Friday, October 23, 2009

White Picket Fences by Susan Meissner

Leave a comment after the post for a chance to win this thought-provoking book about the secrets "normal" families keep. As always, Susan tells an emotionally gripping tale that will keep you mulling the implications long after you close the book.

Jill



Readers of emotional dramas that are willing to explore the lies that families tell each other for protection and comfort will enjoy White Picket Fences. The novel is ideal for those who appreciate exploring questions like: what type of honesty do children need from their parents, or how can one move beyond a past that isn’t acknowledged or understood? Is there hope and forgiveness for the tragedies of our past and a way to abundant grace?



The story in a nutshell:

When her black sheep brother disappears, Amanda Janvier eagerly takes in her sixteen year-old niece. Tally is practically an orphan: motherless, and living with a father who raises Tally wherever he lands– in a Buick, a pizza joint, a horse farm–and regularly takes off on wild schemes. Amanda envisions that she and her family can offer the girl stability and a shot at a “normal” life, even though their own storybook lives are about to crumble.



What led you to write White Picket Fences?

Several years ago I was a court-appointed advocate for children involved in protective services. There were times when I saw that despite the outward appearance of a less-than-perfect home, a child could be loved there. Just because a parent is unconventional or unsuccessful career-wise or makes choices that buck societal norms, it doesn’t mean that he or she is by default a “bad” parent.

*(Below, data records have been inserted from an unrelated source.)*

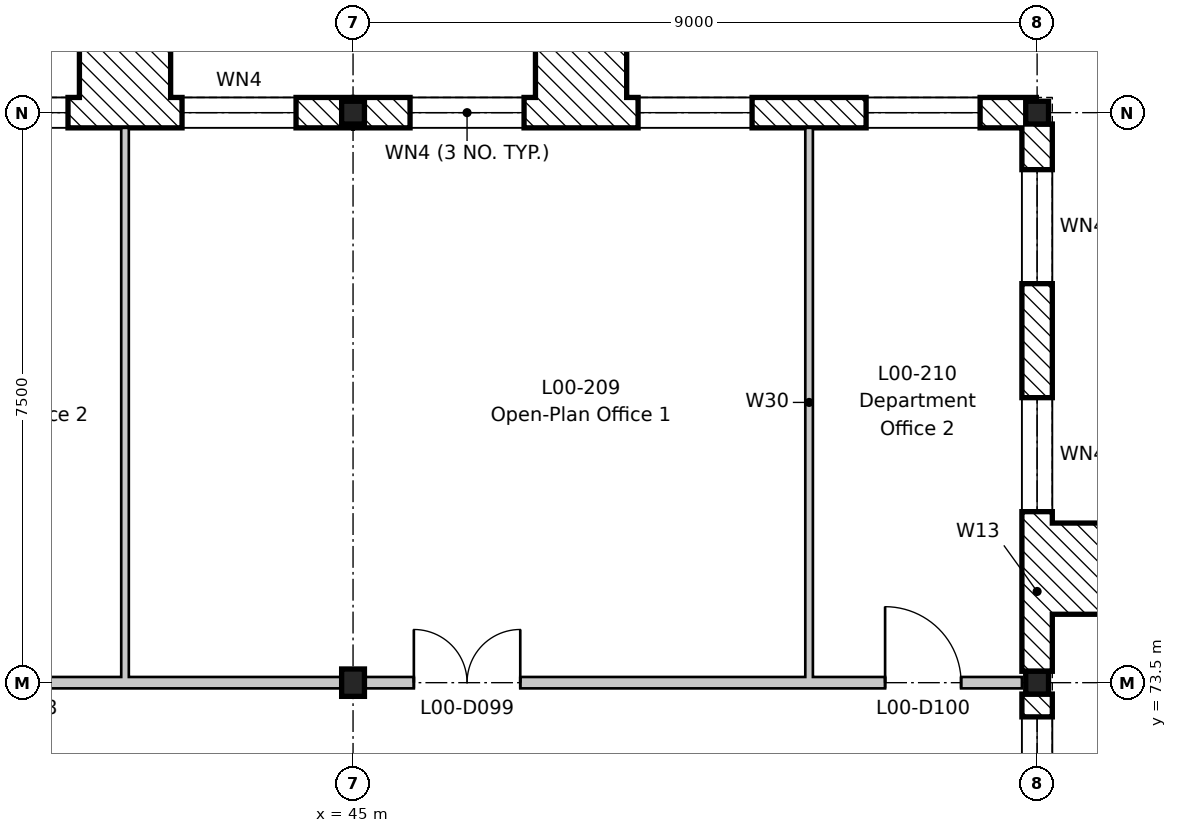
"""IFC4 building model, lengths in metres.
Left out: names, types, materials, properties, quantities, classifications, styles, units other than length and angle.
Written with IfcOpenShell. Run it as: python <this file> out.ifc"""

import sys

from ifc_helpers import new_model, si_unit, direction, frame, frame_2d, origin, origin_2d, place, context, subcontext, project, spatial, rectangle, i_section, extrude, element, fill, save


model = new_model("IFC4")
c1 = context("Model", 3, precision=1e-05, world=origin(), true_north=direction((0.0, 1.0)))
c2 = subcontext(c1, "Body", "Model", "MODEL_VIEW")
j1 = project(units=[si_unit("LENGTHUNIT", "METRE"), si_unit("PLANEANGLEUNIT", "RADIAN")], contexts=[c1])
p1 = place(None, origin())
s1 = spatial("IfcSite", under=j1, at=p1, CompositionType="ELEMENT")
p2 = place(p1, origin())
s2 = spatial("IfcBuilding", under=s1, at=p2, CompositionType="ELEMENT")
p3 = place(p2, origin())
s3 = spatial("IfcBuildingStorey", under=s2, at=p3, CompositionType="ELEMENT", Elevation=0.0)
p4 = place(p3, frame((45.0, 73.5, -0.6), z_axis=(0.0, 0.0, 1.0), x_axis=(1.0, 0.0, 0.0)))
e1 = element("IfcColumn", 1, at=p4, inside=s3, PredefinedType="COLUMN", context=c2, shape_type="SweptSolid", body=[
    extrude(i_section(OverallWidth=0.3, OverallDepth=0.36, WebThickness=0.012, FlangeThickness=0.022, FilletRadius=0.027, at=origin_2d()), origin(), (0.0, 0.0, 1.0), 5.8),
])
for number, where, z_axis, x_axis in (
    (2, (45.0, 81.0, -0.6), (0.0, 0.0, 1.0), (1.0, 0.0, 0.0)),
    (3, (54.0, 73.5, -0.6), (0.0, 0.0, 1.0), (1.0, 0.0, 0.0)),
    (4, (54.0, 81.0, -0.6), (0.0, 0.0, 1.0), (1.0, 0.0, 0.0)),
):
    element("IfcColumn", number, at=place(p3, frame(where, z_axis=z_axis, x_axis=x_axis)), inside=s3, PredefinedType="COLUMN", context=c2, shape_type="SweptSolid", body=[
        extrude(i_section(OverallWidth=0.3, OverallDepth=0.3, WebThickness=0.011, FlangeThickness=0.019, FilletRadius=0.027, at=origin_2d()), origin(), (0.0, 0.0, 1.0), 5.8),
    ])
p5 = place(p3, frame((36.01, 81.0, 0.0), z_axis=(0.0, 0.0, 1.0), x_axis=(1.0, 0.0, 0.0)))
e5 = element("IfcWall", 5, at=p5, inside=s3, PredefinedType="STANDARD", context=c2, shape_type="SweptSolid", body=[
    extrude(rectangle(XDim=8.979, YDim=0.4, at=frame_2d((4.49, 0.0))), origin(), (0.0, 0.0, 1.0), 4.8),
])
p6 = place(p5, frame((3.74, 0.0, 0.3)))
e6 = element("IfcOpeningElement", 6, at=p6, cuts=e5, PredefinedType="OPENING", context=c2, shape_type="SweptSolid", body=[
    extrude(rectangle(XDim=1.5, YDim=3.3, at=frame_2d((0.75, 1.65))), frame((0.0, 0.21, 0.0), z_axis=(0.0, -1.0, 0.0), x_axis=(1.0, 0.0, 0.0)), (0.0, 0.0, 1.0), 0.42),
])
p7 = place(p5, frame((6.74, 0.0, 0.3)))
e7 = element("IfcOpeningElement", 7, at=p7, cuts=e5, PredefinedType="OPENING", context=c2, shape_type="SweptSolid", body=[
    extrude(rectangle(XDim=1.5, YDim=3.3, at=frame_2d((0.75, 1.65))), frame((0.0, 0.21, 0.0), z_axis=(0.0, -1.0, 0.0), x_axis=(1.0, 0.0, 0.0)), (0.0, 0.0, 1.0), 0.42),
])
p8 = place(p3, frame((45.01, 81.0, 0.0), z_axis=(0.0, 0.0, 1.0), x_axis=(1.0, 0.0, 0.0)))
e8 = element("IfcWall", 8, at=p8, inside=s3, PredefinedType="STANDARD", context=c2, shape_type="SweptSolid", body=[
    extrude(rectangle(XDim=8.979, YDim=0.4, at=frame_2d((4.49, 0.0))), origin(), (0.0, 0.0, 1.0), 4.8),
])
p9 = place(p8, frame((0.74, 0.0, 0.3)))
e9 = element("IfcOpeningElement", 9, at=p9, cuts=e8, PredefinedType="OPENING", context=c2, shape_type="SweptSolid", body=[
    extrude(rectangle(XDim=1.5, YDim=3.3, at=frame_2d((0.75, 1.65))), frame((0.0, 0.21, 0.0), z_axis=(0.0, -1.0, 0.0), x_axis=(1.0, 0.0, 0.0)), (0.0, 0.0, 1.0), 0.42),
])
p10 = place(p8, frame((3.74, 0.0, 0.3)))
e10 = element("IfcOpeningElement", 10, at=p10, cuts=e8, PredefinedType="OPENING", context=c2, shape_type="SweptSolid", body=[
    extrude(rectangle(XDim=1.5, YDim=3.3, at=frame_2d((0.75, 1.65))), frame((0.0, 0.21, 0.0), z_axis=(0.0, -1.0, 0.0), x_axis=(1.0, 0.0, 0.0)), (0.0, 0.0, 1.0), 0.42),
])
p11 = place(p8, frame((6.74, 0.0, 0.3)))
e11 = element("IfcOpeningElement", 11, at=p11, cuts=e8, PredefinedType="OPENING", context=c2, shape_type="SweptSolid", body=[
    extrude(rectangle(XDim=1.5, YDim=3.3, at=frame_2d((0.75, 1.65))), frame((0.0, 0.21, 0.0), z_axis=(0.0, -1.0, 0.0), x_axis=(1.0, 0.0, 0.0)), (0.0, 0.0, 1.0), 0.42),
])
p12 = place(p3, frame((54.0, 73.35, 0.0), z_axis=(0.0, 0.0, 1.0), x_axis=(0.0, -1.0, 0.0)))
e12 = element("IfcWall", 12, at=p12, inside=s3, PredefinedType="STANDARD", context=c2, shape_type="SweptSolid", body=[
    extrude(rectangle(XDim=2.7, YDim=0.4, at=frame_2d((1.35, 0.0))), origin(), (0.0, 0.0, 1.0), 5.0),
])
p13 = place(p12, frame((0.3, 0.0, 0.9)))
e13 = element("IfcOpeningElement", 13, at=p13, cuts=e12, PredefinedType="OPENING", context=c2, shape_type="SweptSolid", body=[
    extrude(rectangle(XDim=2.1, YDim=2.1, at=frame_2d((1.05, 1.05))), frame((0.0, 0.21, 0.0), z_axis=(0.0, -1.0, 0.0), x_axis=(1.0, 0.0, 0.0)), (0.0, 0.0, 1.0), 0.42),
])
p14 = place(p3, frame((54.0, 80.85, 0.0), z_axis=(0.0, 0.0, 1.0), x_axis=(0.0, -1.0, 0.0)))
e14 = element("IfcWall", 14, at=p14, inside=s3, PredefinedType="STANDARD", context=c2, shape_type="SweptSolid", body=[
    extrude(rectangle(XDim=7.2, YDim=0.4, at=frame_2d((3.6, 0.0))), origin(), (0.0, 0.0, 1.0), 4.87),
])
p15 = place(p14, frame((3.6, 0.0, 0.3)))
e15 = element("IfcOpeningElement", 15, at=p15, cuts=e14, PredefinedType="OPENING", context=c2, shape_type="SweptSolid", body=[
    extrude(rectangle(XDim=1.5, YDim=3.3, at=frame_2d((0.75, 1.65))), frame((0.0, 0.21, 0.0), z_axis=(0.0, -1.0, 0.0), x_axis=(1.0, 0.0, 0.0)), (0.0, 0.0, 1.0), 0.42),
])
p16 = place(p14, frame((0.6, 0.0, 0.3)))
e16 = element("IfcOpeningElement", 16, at=p16, cuts=e14, PredefinedType="OPENING", context=c2, shape_type="SweptSolid", body=[
    extrude(rectangle(XDim=1.5, YDim=3.3, at=frame_2d((0.75, 1.65))), frame((0.0, 0.21, 0.0), z_axis=(0.0, -1.0, 0.0), x_axis=(1.0, 0.0, 0.0)), (0.0, 0.0, 1.0), 0.42),
])
for number, where, z_axis, x_axis in (
    (17, (41.4, 81.8, 0.0), (0.0, 0.0, 1.0), (1.0, 0.0, 0.0)),
    (18, (47.4, 81.8, 0.0), (0.0, 0.0, 1.0), (1.0, 0.0, 0.0)),
    (19, (54.8, 74.4, 0.0), (0.0, 0.0, 1.0), (0.0, 1.0, 0.0)),
):
    element("IfcWall", number, at=place(p3, frame(where, z_axis=z_axis, x_axis=x_axis)), inside=s3, PredefinedType="STANDARD", context=c2, shape_type="SweptSolid", body=[
        extrude(rectangle(XDim=1.2, YDim=1.2, at=frame_2d((0.6, 0.0))), origin(), (0.0, 0.0, 1.0), 5.4),
    ])
for number, where, z_axis, x_axis in (
    (20, (42.0, 73.575, 0.0), (0.0, 0.0, 1.0), (0.0, 1.0, 0.0)),
    (21, (51.0, 73.575, 0.0), (0.0, 0.0, 1.0), (0.0, 1.0, 0.0)),
):
    element("IfcWall", number, at=place(p3, frame(where, z_axis=z_axis, x_axis=x_axis)), inside=s3, PredefinedType="PARTITIONING", context=c2, shape_type="SweptSolid", body=[
        extrude(rectangle(XDim=7.225, YDim=0.1, at=frame_2d((3.613, 0.0))), origin(), (0.0, 0.0, 1.0), 5.2),
    ])
p17 = place(p3, frame((18.0, 73.5, 0.0), z_axis=(0.0, 0.0, 1.0), x_axis=(1.0, 0.0, 0.0)))
e22 = element("IfcWall", 22, at=p17, inside=s3, PredefinedType="PARTITIONING", context=c2, shape_type="SweptSolid", body=[
    extrude(rectangle(XDim=35.8, YDim=0.15, at=frame_2d((17.9, 0.0))), origin(), (0.0, 0.0, 1.0), 4.68),
])
p18 = place(p17, frame((10.3, 0.0, 0.0)))
e23 = element("IfcOpeningElement", 23, at=p18, cuts=e22, PredefinedType="OPENING", context=c2, shape_type="SweptSolid", body=[
    extrude(rectangle(XDim=1.4, YDim=2.1, at=frame_2d((0.7, 1.05))), frame((0.0, 0.085, 0.0), z_axis=(0.0, -1.0, 0.0), x_axis=(1.0, 0.0, 0.0)), (0.0, 0.0, 1.0), 0.17),
])
p19 = place(p17, frame((13.0, 0.0, 0.0)))
e24 = element("IfcOpeningElement", 24, at=p19, cuts=e22, PredefinedType="OPENING", context=c2, shape_type="SweptSolid", body=[
    extrude(rectangle(XDim=1.0, YDim=2.1, at=frame_2d((0.5, 1.05))), frame((0.0, 0.085, 0.0), z_axis=(0.0, -1.0, 0.0), x_axis=(1.0, 0.0, 0.0)), (0.0, 0.0, 1.0), 0.17),
])
p20 = place(p17, frame((18.75, 0.0, 0.0)))
e25 = element("IfcOpeningElement", 25, at=p20, cuts=e22, PredefinedType="OPENING", context=c2, shape_type="SweptSolid", body=[
    extrude(rectangle(XDim=1.0, YDim=2.1, at=frame_2d((0.5, 1.05))), frame((0.0, 0.085, 0.0), z_axis=(0.0, -1.0, 0.0), x_axis=(1.0, 0.0, 0.0)), (0.0, 0.0, 1.0), 0.17),
])
p21 = place(p17, frame((22.0, 0.0, 0.0)))
e26 = element("IfcOpeningElement", 26, at=p21, cuts=e22, PredefinedType="OPENING", context=c2, shape_type="SweptSolid", body=[
    extrude(rectangle(XDim=1.0, YDim=2.1, at=frame_2d((0.5, 1.05))), frame((0.0, 0.085, 0.0), z_axis=(0.0, -1.0, 0.0), x_axis=(1.0, 0.0, 0.0)), (0.0, 0.0, 1.0), 0.17),
])
p22 = place(p17, frame((27.8, 0.0, 0.0)))
e27 = element("IfcOpeningElement", 27, at=p22, cuts=e22, PredefinedType="OPENING", context=c2, shape_type="SweptSolid", body=[
    extrude(rectangle(XDim=1.4, YDim=2.1, at=frame_2d((0.7, 1.05))), frame((0.0, 0.085, 0.0), z_axis=(0.0, -1.0, 0.0), x_axis=(1.0, 0.0, 0.0)), (0.0, 0.0, 1.0), 0.17),
])
p23 = place(p17, frame((34.0, 0.0, 0.0)))
e28 = element("IfcOpeningElement", 28, at=p23, cuts=e22, PredefinedType="OPENING", context=c2, shape_type="SweptSolid", body=[
    extrude(rectangle(XDim=1.0, YDim=2.1, at=frame_2d((0.5, 1.05))), frame((0.0, 0.085, 0.0), z_axis=(0.0, -1.0, 0.0), x_axis=(1.0, 0.0, 0.0)), (0.0, 0.0, 1.0), 0.17),
])
p24 = place(p6, origin())
e29 = element("IfcWindow", 29, at=p24, inside=s3, PartitioningType="SINGLE_PANEL", PredefinedType="WINDOW", context=c2, shape_type="SweptSolid", body=[
    extrude(rectangle(XDim=1.5, YDim=3.3, at=frame_2d((0.75, 1.65))), frame((0.0, -0.12, 0.0), z_axis=(0.0, -1.0, 0.0), x_axis=(1.0, 0.0, 0.0)), (0.0, 0.0, 1.0), 0.06),
])
fill(e6, e29)
p25 = place(p7, origin())
e30 = element("IfcWindow", 30, at=p25, inside=s3, PartitioningType="SINGLE_PANEL", PredefinedType="WINDOW", context=c2, shape_type="SweptSolid", body=[
    extrude(rectangle(XDim=1.5, YDim=3.3, at=frame_2d((0.75, 1.65))), frame((0.0, -0.12, 0.0), z_axis=(0.0, -1.0, 0.0), x_axis=(1.0, 0.0, 0.0)), (0.0, 0.0, 1.0), 0.06),
])
fill(e7, e30)
p26 = place(p9, origin())
e31 = element("IfcWindow", 31, at=p26, inside=s3, PartitioningType="SINGLE_PANEL", PredefinedType="WINDOW", context=c2, shape_type="SweptSolid", body=[
    extrude(rectangle(XDim=1.5, YDim=3.3, at=frame_2d((0.75, 1.65))), frame((0.0, -0.12, 0.0), z_axis=(0.0, -1.0, 0.0), x_axis=(1.0, 0.0, 0.0)), (0.0, 0.0, 1.0), 0.06),
])
fill(e9, e31)
p27 = place(p10, origin())
e32 = element("IfcWindow", 32, at=p27, inside=s3, PartitioningType="SINGLE_PANEL", PredefinedType="WINDOW", context=c2, shape_type="SweptSolid", body=[
    extrude(rectangle(XDim=1.5, YDim=3.3, at=frame_2d((0.75, 1.65))), frame((0.0, -0.12, 0.0), z_axis=(0.0, -1.0, 0.0), x_axis=(1.0, 0.0, 0.0)), (0.0, 0.0, 1.0), 0.06),
])
fill(e10, e32)
p28 = place(p11, origin())
e33 = element("IfcWindow", 33, at=p28, inside=s3, PartitioningType="SINGLE_PANEL", PredefinedType="WINDOW", context=c2, shape_type="SweptSolid", body=[
    extrude(rectangle(XDim=1.5, YDim=3.3, at=frame_2d((0.75, 1.65))), frame((0.0, -0.12, 0.0), z_axis=(0.0, -1.0, 0.0), x_axis=(1.0, 0.0, 0.0)), (0.0, 0.0, 1.0), 0.06),
])
fill(e11, e33)
p29 = place(p13, origin())
e34 = element("IfcWindow", 34, at=p29, inside=s3, PartitioningType="SINGLE_PANEL", PredefinedType="WINDOW", context=c2, shape_type="SweptSolid", body=[
    extrude(rectangle(XDim=2.1, YDim=2.1, at=frame_2d((1.05, 1.05))), frame((0.0, -0.12, 0.0), z_axis=(0.0, -1.0, 0.0), x_axis=(1.0, 0.0, 0.0)), (0.0, 0.0, 1.0), 0.06),
])
fill(e13, e34)
p30 = place(p15, origin())
e35 = element("IfcWindow", 35, at=p30, inside=s3, PartitioningType="SINGLE_PANEL", PredefinedType="WINDOW", context=c2, shape_type="SweptSolid", body=[
    extrude(rectangle(XDim=1.5, YDim=3.3, at=frame_2d((0.75, 1.65))), frame((0.0, -0.12, 0.0), z_axis=(0.0, -1.0, 0.0), x_axis=(1.0, 0.0, 0.0)), (0.0, 0.0, 1.0), 0.06),
])
fill(e15, e35)
p31 = place(p16, origin())
e36 = element("IfcWindow", 36, at=p31, inside=s3, PartitioningType="SINGLE_PANEL", PredefinedType="WINDOW", context=c2, shape_type="SweptSolid", body=[
    extrude(rectangle(XDim=1.5, YDim=3.3, at=frame_2d((0.75, 1.65))), frame((0.0, -0.12, 0.0), z_axis=(0.0, -1.0, 0.0), x_axis=(1.0, 0.0, 0.0)), (0.0, 0.0, 1.0), 0.06),
])
fill(e16, e36)
p32 = place(p22, origin())
e37 = element("IfcDoor", 37, at=p32, inside=s3, OperationType="DOUBLE_DOOR_SINGLE_SWING", PredefinedType="DOOR", context=c2, shape_type="SweptSolid", body=[
    extrude(rectangle(XDim=1.4, YDim=2.1, at=frame_2d((0.7, 1.05))), frame((0.0, 0.025, 0.0), z_axis=(0.0, -1.0, 0.0), x_axis=(1.0, 0.0, 0.0)), (0.0, 0.0, 1.0), 0.05),
])
fill(e27, e37)
p33 = place(p23, origin())
e38 = element("IfcDoor", 38, at=p33, inside=s3, OperationType="SINGLE_SWING_LEFT", PredefinedType="DOOR", context=c2, shape_type="SweptSolid", body=[
    extrude(rectangle(XDim=1.0, YDim=2.1, at=frame_2d((0.5, 1.05))), frame((0.0, 0.025, 0.0), z_axis=(0.0, -1.0, 0.0), x_axis=(1.0, 0.0, 0.0)), (0.0, 0.0, 1.0), 0.05),
])
fill(e28, e38)
save(model, sys.argv[1])

Likewise, parents who we would traditionally call “good” -meaning they provide, they protect, they don’t hit, they don’t ridicule - can nevertheless make decisions regarding their children that have hugely negative effects and yet their outward appearance would never lead anyone to suspect it. Even if you live behind a white picket fence, you still have to deal with the fallout of a living in a broken world. You can’t hide from it. The perfect, idyllic life is an illusion. Life is a weave of both delight and disappointment and it’s precisely these things that give it definition and depth. To ignore what is ugly is to cheapen what is beautiful.



You dovetailed a current day family drama with the Holocaust and the Warsaw Ghetto. Why the connection?

I think it’s fair to say that the depth of the atrocities inflicted during the Holocaust wasn’t fully appreciated until after the war. There was ugliness happening, if you will, and much of the West failed to see it — for whatever reason. Within the horror, though, people made brave choices, selfless choices. And there were survivors who had to choose what they would take with them from the ashes of their suffering. I wanted to explore how a person makes that decision. Even the decision to pretend it never happened is a decision regarding those ashes.



What do you think interests you about the intersection of personal relationships and perceptions – a theme you wove into both The Shape of Mercy and White Picket Fences?

I see every great work of fiction being about human relationships. Gone With the Wind is so much more than just an epic story with the Civil War as a backdrop. It’s a story of human relationships. Scarlett and Ashley, Scarlett and Rhett, Scarlett and Melanie, Scarlett and her father. It’s within our closest relationships that our brightest virtues and worst flaws are exposed. That’s why there is such tremendous story value within intimate human relationships. We are at our best and our worst when we are responding and reacting to the people who shape who we are. Human history is the story of relationships and what they teach us about what we value. And what we don’t.



White Picket Fences is a different kind of novel than your acclaimed book, The Shape of Mercy, but there are some similarities too. Can you explain those?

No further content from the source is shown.